Для художников все выглядело иначе. Каждым своим действием они вступали в конфликт с законом. Не разрешалось продавать авторскую живопись из рук в руки — для этой операции существовали специальные художественные советы при творческом союзе, к которому они чаще всего не имели никакого отношения. Нельзя было жить на заработанные таким путем деньги — это не освобождало от обвинения в тунеядстве, за которое судили, как в 1961-м Иосифа Бродского. Статей уголовного кодекса набегало так много, что человек оказывался во власти органов, которые могли эти статьи в любой момент ввести в действие. Или — при определенных условиях — не вводить. Петля затягивалась все туже и безнадежнее. Независимая жизнь «авангардистов», которых после фестиваля начали усердно пропагандировать органы, — какой неоднозначной на самом деле она была!

* * *

Из года в год повторялся Красный Стан. В Москве белютинская Студия давно перестала отвечать привычному представлению о замкнутом круге художников — больше шестисот человек: скульпторов, живописцев, графиков, архитекторов. На Таганку, где находилось ее рабочее помещение, тянулись первые барды — Булат Окуджава, Владимир Высоцкий, Новелла Матвеева.

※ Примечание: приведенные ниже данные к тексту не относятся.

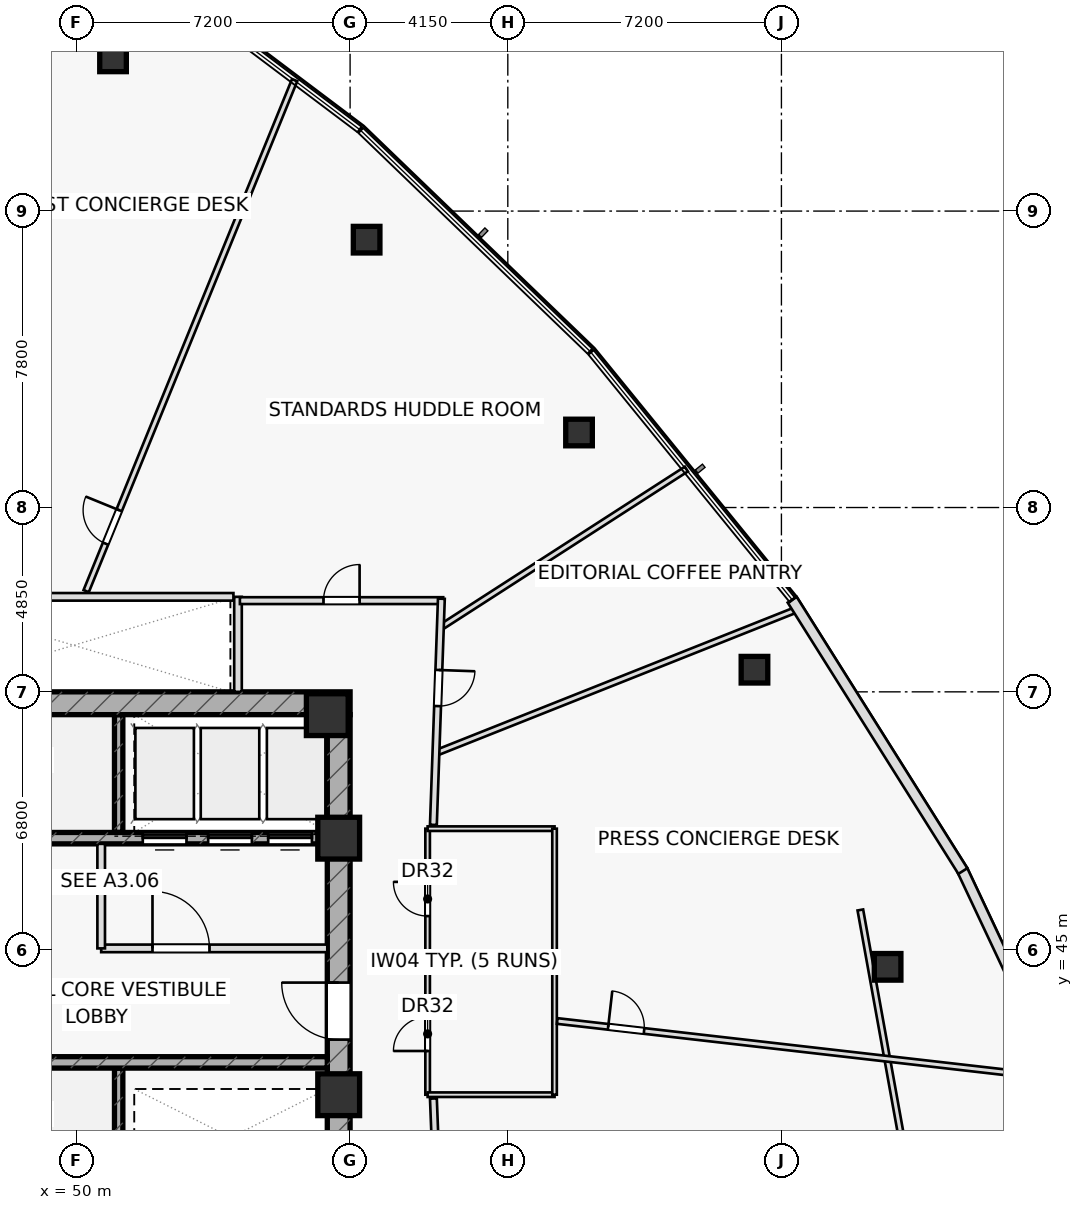
"""IFC4 building model, lengths in metres.
Left out: names, types, materials, properties, quantities, classifications, styles, units other than length and angle.
Written with IfcOpenShell. Run it as: python <this file> out.ifc"""

import sys

from ifc_helpers import new_model, si_unit, direction, frame, frame_2d, origin, origin_2d, place, context, subcontext, project, spatial, rectangle, hollow_rectangle, extrude, element, fill, save


model = new_model("IFC4")
c1 = context("Model", 3, precision=1e-05, world=origin(), true_north=direction((0.0, 1.0)))
c2 = subcontext(c1, "Body", "Model", "MODEL_VIEW")
j1 = project(units=[si_unit("LENGTHUNIT", "METRE"), si_unit("PLANEANGLEUNIT", "RADIAN")], contexts=[c1])
p1 = place(None, origin())
s1 = spatial("IfcSite", under=j1, at=p1, CompositionType="ELEMENT")
p2 = place(p1, origin())
s2 = spatial("IfcBuilding", under=s1, at=p2, CompositionType="ELEMENT")
p3 = place(p2, frame((0.0, 0.0, 78.3)))
s3 = spatial("IfcBuildingStorey", under=s2, at=p3, CompositionType="ELEMENT", Elevation=78.3)
for number, where, z_axis, x_axis in (
    (1, (51.11, 48.1, 0.0), (0.0, 0.0, 1.0), (0.0, 1.0, 0.0)),
    (2, (51.11, 38.8, 0.0), (0.0, 0.0, 1.0), (0.0, 1.0, 0.0)),
):
    element("IfcWall", number, at=place(p3, frame(where, z_axis=z_axis, x_axis=x_axis)), inside=s3, PredefinedType="SHEAR", context=c2, shape_type="SweptSolid", body=[
        extrude(rectangle(XDim=3.1, YDim=0.22, at=frame_2d((1.55, 0.0))), origin(), (0.0, 0.0, 1.0), 3.6),
    ])
p4 = place(p3, frame((42.8, 51.5, 0.0), z_axis=(0.0, 0.0, 1.0), x_axis=(1.0, 0.0, 0.0)))
e3 = element("IfcWall", 3, at=p4, inside=s3, PredefinedType="SHEAR", context=c2, shape_type="SweptSolid", body=[
    extrude(rectangle(XDim=14.4, YDim=0.6, at=frame_2d((7.2, 0.0))), origin(), (0.0, 0.0, 1.0), 3.6),
])
p5 = place(p4, frame((0.88, 0.0, 0.0)))
e4 = element("IfcOpeningElement", 4, at=p5, cuts=e3, PredefinedType="OPENING", context=c2, shape_type="SweptSolid", body=[
    extrude(rectangle(XDim=1.05, YDim=2.2, at=frame_2d((0.525, 1.1))), frame((0.0, 0.31, 0.0), z_axis=(0.0, -1.0, 0.0), x_axis=(1.0, 0.0, 0.0)), (0.0, 0.0, 1.0), 0.62),
])
p6 = place(p3, frame((56.9, 38.8, 0.0), z_axis=(0.0, 0.0, 1.0), x_axis=(0.0, 1.0, 0.0)))
e5 = element("IfcWall", 5, at=p6, inside=s3, PredefinedType="SHEAR", context=c2, shape_type="SweptSolid", body=[
    extrude(rectangle(XDim=12.4, YDim=0.6, at=frame_2d((6.2, 0.0))), origin(), (0.0, 0.0, 1.0), 3.6),
])
p7 = place(p6, frame((3.85, 0.0, 0.0)))
e6 = element("IfcOpeningElement", 6, at=p7, cuts=e5, PredefinedType="OPENING", context=c2, shape_type="SweptSolid", body=[
    extrude(rectangle(XDim=1.5, YDim=2.2, at=frame_2d((0.75, 1.1))), frame((0.0, 0.31, 0.0), z_axis=(0.0, -1.0, 0.0), x_axis=(1.0, 0.0, 0.0)), (0.0, 0.0, 1.0), 0.62),
])
p8 = place(p3, frame((43.4, 47.95, 0.0), z_axis=(0.0, 0.0, 1.0), x_axis=(1.0, 0.0, 0.0)))
e7 = element("IfcWall", 7, at=p8, inside=s3, PredefinedType="SHEAR", context=c2, shape_type="SweptSolid", body=[
    extrude(rectangle(XDim=13.2, YDim=0.3, at=frame_2d((6.6, 0.0))), origin(), (0.0, 0.0, 1.0), 3.6),
])
p9 = place(p8, frame((8.345, 0.0, 0.0)))
e8 = element("IfcOpeningElement", 8, at=p9, cuts=e7, PredefinedType="OPENING", context=c2, shape_type="SweptSolid", body=[
    extrude(rectangle(XDim=1.15, YDim=2.2, at=frame_2d((0.575, 1.1))), frame((0.0, 0.16, 0.0), z_axis=(0.0, -1.0, 0.0), x_axis=(1.0, 0.0, 0.0)), (0.0, 0.0, 1.0), 0.32),
])
p10 = place(p8, frame((10.065, 0.0, 0.0)))
e9 = element("IfcOpeningElement", 9, at=p10, cuts=e7, PredefinedType="OPENING", context=c2, shape_type="SweptSolid", body=[
    extrude(rectangle(XDim=1.15, YDim=2.2, at=frame_2d((0.575, 1.1))), frame((0.0, 0.16, 0.0), z_axis=(0.0, -1.0, 0.0), x_axis=(1.0, 0.0, 0.0)), (0.0, 0.0, 1.0), 0.32),
])
p11 = place(p8, frame((11.645, 0.0, 0.0)))
e10 = element("IfcOpeningElement", 10, at=p11, cuts=e7, PredefinedType="OPENING", context=c2, shape_type="SweptSolid", body=[
    extrude(rectangle(XDim=1.15, YDim=2.2, at=frame_2d((0.575, 1.1))), frame((0.0, 0.16, 0.0), z_axis=(0.0, -1.0, 0.0), x_axis=(1.0, 0.0, 0.0)), (0.0, 0.0, 1.0), 0.32),
])
p12 = place(p3, frame((43.4, 42.05, 0.0), z_axis=(0.0, 0.0, 1.0), x_axis=(1.0, 0.0, 0.0)))
e11 = element("IfcWall", 11, at=p12, inside=s3, PredefinedType="SHEAR", context=c2, shape_type="SweptSolid", body=[
    extrude(rectangle(XDim=13.2, YDim=0.3, at=frame_2d((6.6, 0.0))), origin(), (0.0, 0.0, 1.0), 3.6),
])
for number, where, z_axis, x_axis in (
    (12, (56.9, 47.95, 0.0), (0.0, 0.0, 1.0), (1.0, 0.0, 0.0)),
    (13, (56.6, 51.2, 0.0), (0.0, 0.0, 1.0), (1.0, 0.0, 0.0)),
    (14, (56.9, 41.2, 0.0), (0.0, 0.0, 1.0), (1.0, 0.0, 0.0)),
):
    element("IfcColumn", number, at=place(p3, frame(where, z_axis=z_axis, x_axis=x_axis)), inside=s3, PredefinedType="COLUMN", context=c2, shape_type="SweptSolid", body=[
        extrude(rectangle(XDim=1.1, YDim=1.1, at=origin_2d()), origin(), (0.0, 0.0, 1.0), 3.6),
    ])
for number, where, z_axis, x_axis in (
    (15, (71.344, 44.565, 0.0), (0.0, 0.0, 1.0), (1.0, 0.0, 0.0)),
    (16, (67.841, 52.383, 0.0), (0.0, 0.0, 1.0), (1.0, 0.0, 0.0)),
    (17, (63.224, 58.624, 0.0), (0.0, 0.0, 1.0), (1.0, 0.0, 0.0)),
    (18, (57.635, 63.698, 0.0), (0.0, 0.0, 1.0), (1.0, 0.0, 0.0)),
    (19, (50.962, 68.469, 0.0), (0.0, 0.0, 1.0), (1.0, 0.0, 0.0)),
):
    element("IfcColumn", number, at=place(p3, frame(where, z_axis=z_axis, x_axis=x_axis)), inside=s3, PredefinedType="COLUMN", context=c2, shape_type="SweptSolid", body=[
        extrude(hollow_rectangle(XDim=0.7, YDim=0.7, WallThickness=0.04, at=origin_2d()), origin(), (0.0, 0.0, 1.0), 3.6),
    ])
p13 = place(p3, frame((54.25, 51.8, 0.0), z_axis=(0.0, 0.0, 1.0), x_axis=(0.0, 1.0, 0.0)))
e20 = element("IfcWall", 20, at=p13, inside=s3, PredefinedType="PARTITIONING", context=c2, shape_type="SweptSolid", body=[
    extrude(rectangle(XDim=2.5, YDim=0.2, at=frame_2d((1.25, 0.0))), origin(), (0.0, 0.0, 1.0), 3.6),
])
p14 = place(p3, frame((50.65, 45.05, 0.0), z_axis=(0.0, 0.0, 1.0), x_axis=(1.0, 0.0, 0.0)))
e21 = element("IfcWall", 21, at=p14, inside=s3, PredefinedType="PARTITIONING", context=c2, shape_type="SweptSolid", body=[
    extrude(rectangle(XDim=5.95, YDim=0.2, at=frame_2d((2.975, 0.0))), origin(), (0.0, 0.0, 1.0), 3.6),
])
p15 = place(p14, frame((1.35, 0.0, 0.0)))
e22 = element("IfcOpeningElement", 22, at=p15, cuts=e21, PredefinedType="OPENING", context=c2, shape_type="SweptSolid", body=[
    extrude(rectangle(XDim=1.5, YDim=2.2, at=frame_2d((0.75, 1.1))), frame((0.0, 0.11, 0.0), z_axis=(0.0, -1.0, 0.0), x_axis=(1.0, 0.0, 0.0)), (0.0, 0.0, 1.0), 0.22),
])
p16 = place(p3, frame((50.65, 45.05, 0.0), z_axis=(0.0, 0.0, 1.0), x_axis=(0.0, 1.0, 0.0)))
e23 = element("IfcWall", 23, at=p16, inside=s3, PredefinedType="PARTITIONING", context=c2, shape_type="SweptSolid", body=[
    extrude(rectangle(XDim=2.75, YDim=0.2, at=frame_2d((1.375, 0.0))), origin(), (0.0, 0.0, 1.0), 3.6),
])
p17 = place(p3, frame((72.969, 33.091, 0.0), z_axis=(0.0, 0.0, 1.0), x_axis=(-0.177742578179, 0.984077017261, 0.0)))
e24 = element("IfcWall", 24, at=p17, inside=s3, PredefinedType="PARTITIONING", context=c2, shape_type="SweptSolid", body=[
    extrude(rectangle(XDim=13.179, YDim=0.15, at=frame_2d((6.59, 0.0))), origin(), (0.0, 0.0, 1.0), 2.975),
])
p18 = place(p3, frame((59.24, 41.2, 0.0), z_axis=(0.0, 0.0, 1.0), x_axis=(0.0, 1.0, 0.0)))
e25 = element("IfcWall", 25, at=p18, inside=s3, PredefinedType="PARTITIONING", context=c2, shape_type="SweptSolid", body=[
    extrude(rectangle(XDim=7.0, YDim=0.12, at=frame_2d((3.5, 0.0))), origin(), (0.0, 0.0, 1.0), 3.6),
])
p19 = place(p18, frame((1.15, 0.0, 0.0)))
e26 = element("IfcOpeningElement", 26, at=p19, cuts=e25, PredefinedType="OPENING", context=c2, shape_type="SweptSolid", body=[
    extrude(rectangle(XDim=0.9, YDim=2.05, at=frame_2d((0.45, 1.025))), frame((0.0, 0.07, 0.0), z_axis=(0.0, -1.0, 0.0), x_axis=(1.0, 0.0, 0.0)), (0.0, 0.0, 1.0), 0.14),
])
p20 = place(p18, frame((4.7, 0.0, 0.0)))
e27 = element("IfcOpeningElement", 27, at=p20, cuts=e25, PredefinedType="OPENING", context=c2, shape_type="SweptSolid", body=[
    extrude(rectangle(XDim=0.9, YDim=2.05, at=frame_2d((0.45, 1.025))), frame((0.0, 0.07, 0.0), z_axis=(0.0, -1.0, 0.0), x_axis=(1.0, 0.0, 0.0)), (0.0, 0.0, 1.0), 0.14),
])
p21 = place(p3, frame((59.24, 41.2, 0.0), z_axis=(0.0, 0.0, 1.0), x_axis=(1.0, 0.0, 0.0)))
e28 = element("IfcWall", 28, at=p21, inside=s3, PredefinedType="PARTITIONING", context=c2, shape_type="SweptSolid", body=[
    extrude(rectangle(XDim=3.34, YDim=0.12, at=frame_2d((1.67, 0.0))), origin(), (0.0, 0.0, 1.0), 2.975),
])
for number, where, z_axis, x_axis in (
    (29, (59.24, 44.65, 0.0), (0.0, 0.0, 1.0), (1.0, 0.0, 0.0)),
    (30, (59.24, 48.2, 0.0), (0.0, 0.0, 1.0), (1.0, 0.0, 0.0)),
):
    element("IfcWall", number, at=place(p3, frame(where, z_axis=z_axis, x_axis=x_axis)), inside=s3, PredefinedType="PARTITIONING", context=c2, shape_type="SweptSolid", body=[
        extrude(rectangle(XDim=3.34, YDim=0.12, at=frame_2d((1.67, 0.0))), origin(), (0.0, 0.0, 1.0), 3.6),
    ])
p22 = place(p3, frame((62.58, 41.2, 0.0), z_axis=(0.0, 0.0, 1.0), x_axis=(0.0, 1.0, 0.0)))
e31 = element("IfcWall", 31, at=p22, inside=s3, PredefinedType="PARTITIONING", context=c2, shape_type="SweptSolid", body=[
    extrude(rectangle(XDim=7.0, YDim=0.12, at=frame_2d((3.5, 0.0))), origin(), (0.0, 0.0, 1.0), 3.6),
])
p23 = place(p3, frame((62.65, 43.139, 0.0), z_axis=(0.0, 0.0, 1.0), x_axis=(0.993507762736, -0.113764341437, 0.0)))
e32 = element("IfcWall", 32, at=p23, inside=s3, PredefinedType="PARTITIONING", context=c2, shape_type="SweptSolid", body=[
    extrude(rectangle(XDim=13.344, YDim=0.15, at=frame_2d((6.672, 0.0))), origin(), (0.0, 0.0, 1.0), 2.975),
])
p24 = place(p23, frame((1.35, 0.0, 0.0)))
e33 = element("IfcOpeningElement", 33, at=p24, cuts=e32, PredefinedType="OPENING", context=c2, shape_type="SweptSolid", body=[
    extrude(rectangle(XDim=0.95, YDim=2.05, at=frame_2d((0.475, 1.025))), frame((0.0, 0.085, 0.0), z_axis=(0.0, -1.0, 0.0), x_axis=(1.0, 0.0, 0.0)), (0.0, 0.0, 1.0), 0.17),
])
p25 = place(p3, frame((59.458, 50.191, 0.0), z_axis=(0.0, 0.0, 1.0), x_axis=(0.929263627869, 0.369417257204, 0.0)))
e34 = element("IfcWall", 34, at=p25, inside=s3, PredefinedType="PARTITIONING", context=c2, shape_type="SweptSolid", body=[
    extrude(rectangle(XDim=10.264, YDim=0.15, at=frame_2d((5.132, 0.0))), origin(), (0.0, 0.0, 1.0), 2.975),
])
p26 = place(p3, frame((59.575, 53.49, 0.0), z_axis=(0.0, 0.0, 1.0), x_axis=(0.840572318157, 0.541699342762, 0.0)))
e35 = element("IfcWall", 35, at=p26, inside=s3, PredefinedType="PARTITIONING", context=c2, shape_type="SweptSolid", body=[
    extrude(rectangle(XDim=7.701, YDim=0.15, at=frame_2d((3.851, 0.0))), origin(), (0.0, 0.0, 1.0), 3.025),
])
p27 = place(p3, frame((50.255, 54.45, 0.0), z_axis=(0.0, 0.0, 1.0), x_axis=(0.377744353623, 0.92590993261, 0.0)))
e36 = element("IfcWall", 36, at=p27, inside=s3, PredefinedType="PARTITIONING", context=c2, shape_type="SweptSolid", body=[
    extrude(rectangle(XDim=14.522, YDim=0.15, at=frame_2d((7.261, 0.0))), origin(), (0.0, 0.0, 1.0), 2.975),
])
p28 = place(p27, frame((1.35, 0.0, 0.0)))
e37 = element("IfcOpeningElement", 37, at=p28, cuts=e36, PredefinedType="OPENING", context=c2, shape_type="SweptSolid", body=[
    extrude(rectangle(XDim=0.95, YDim=2.05, at=frame_2d((0.475, 1.025))), frame((0.0, 0.085, 0.0), z_axis=(0.0, -1.0, 0.0), x_axis=(1.0, 0.0, 0.0)), (0.0, 0.0, 1.0), 0.17),
])
p29 = place(p3, frame((54.3, 54.2, 0.0), z_axis=(0.0, 0.0, 1.0), x_axis=(1.0, 0.0, 0.0)))
e38 = element("IfcWall", 38, at=p29, inside=s3, PredefinedType="PARTITIONING", context=c2, shape_type="SweptSolid", body=[
    extrude(rectangle(XDim=5.35, YDim=0.18, at=frame_2d((2.675, 0.0))), origin(), (0.0, 0.0, 1.0), 2.975),
])
p30 = place(p29, frame((2.2, 0.0, 0.0)))
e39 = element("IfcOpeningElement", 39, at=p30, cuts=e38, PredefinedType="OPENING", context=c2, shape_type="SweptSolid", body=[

Приходили физики научно-исследовательских институтов Петра Капицы, Николая Семенова, Евгения Тамма. Физиков привлекала не столько перспектива выставок — стихийно они возникали после каждого занятия во время обязательных разборов, — сколько, по выражению академика Капицы, творческая стихия, в которой освобождалось чувство и начинала работать мысль.

Однако никто не обманывался: ни в Москве, ни в стране в целом обстановка не стала более благоприятной. Приходилось жестко держать оборону. Противодействий было предостаточно. Блюстители чистоты соцреализма не дремали.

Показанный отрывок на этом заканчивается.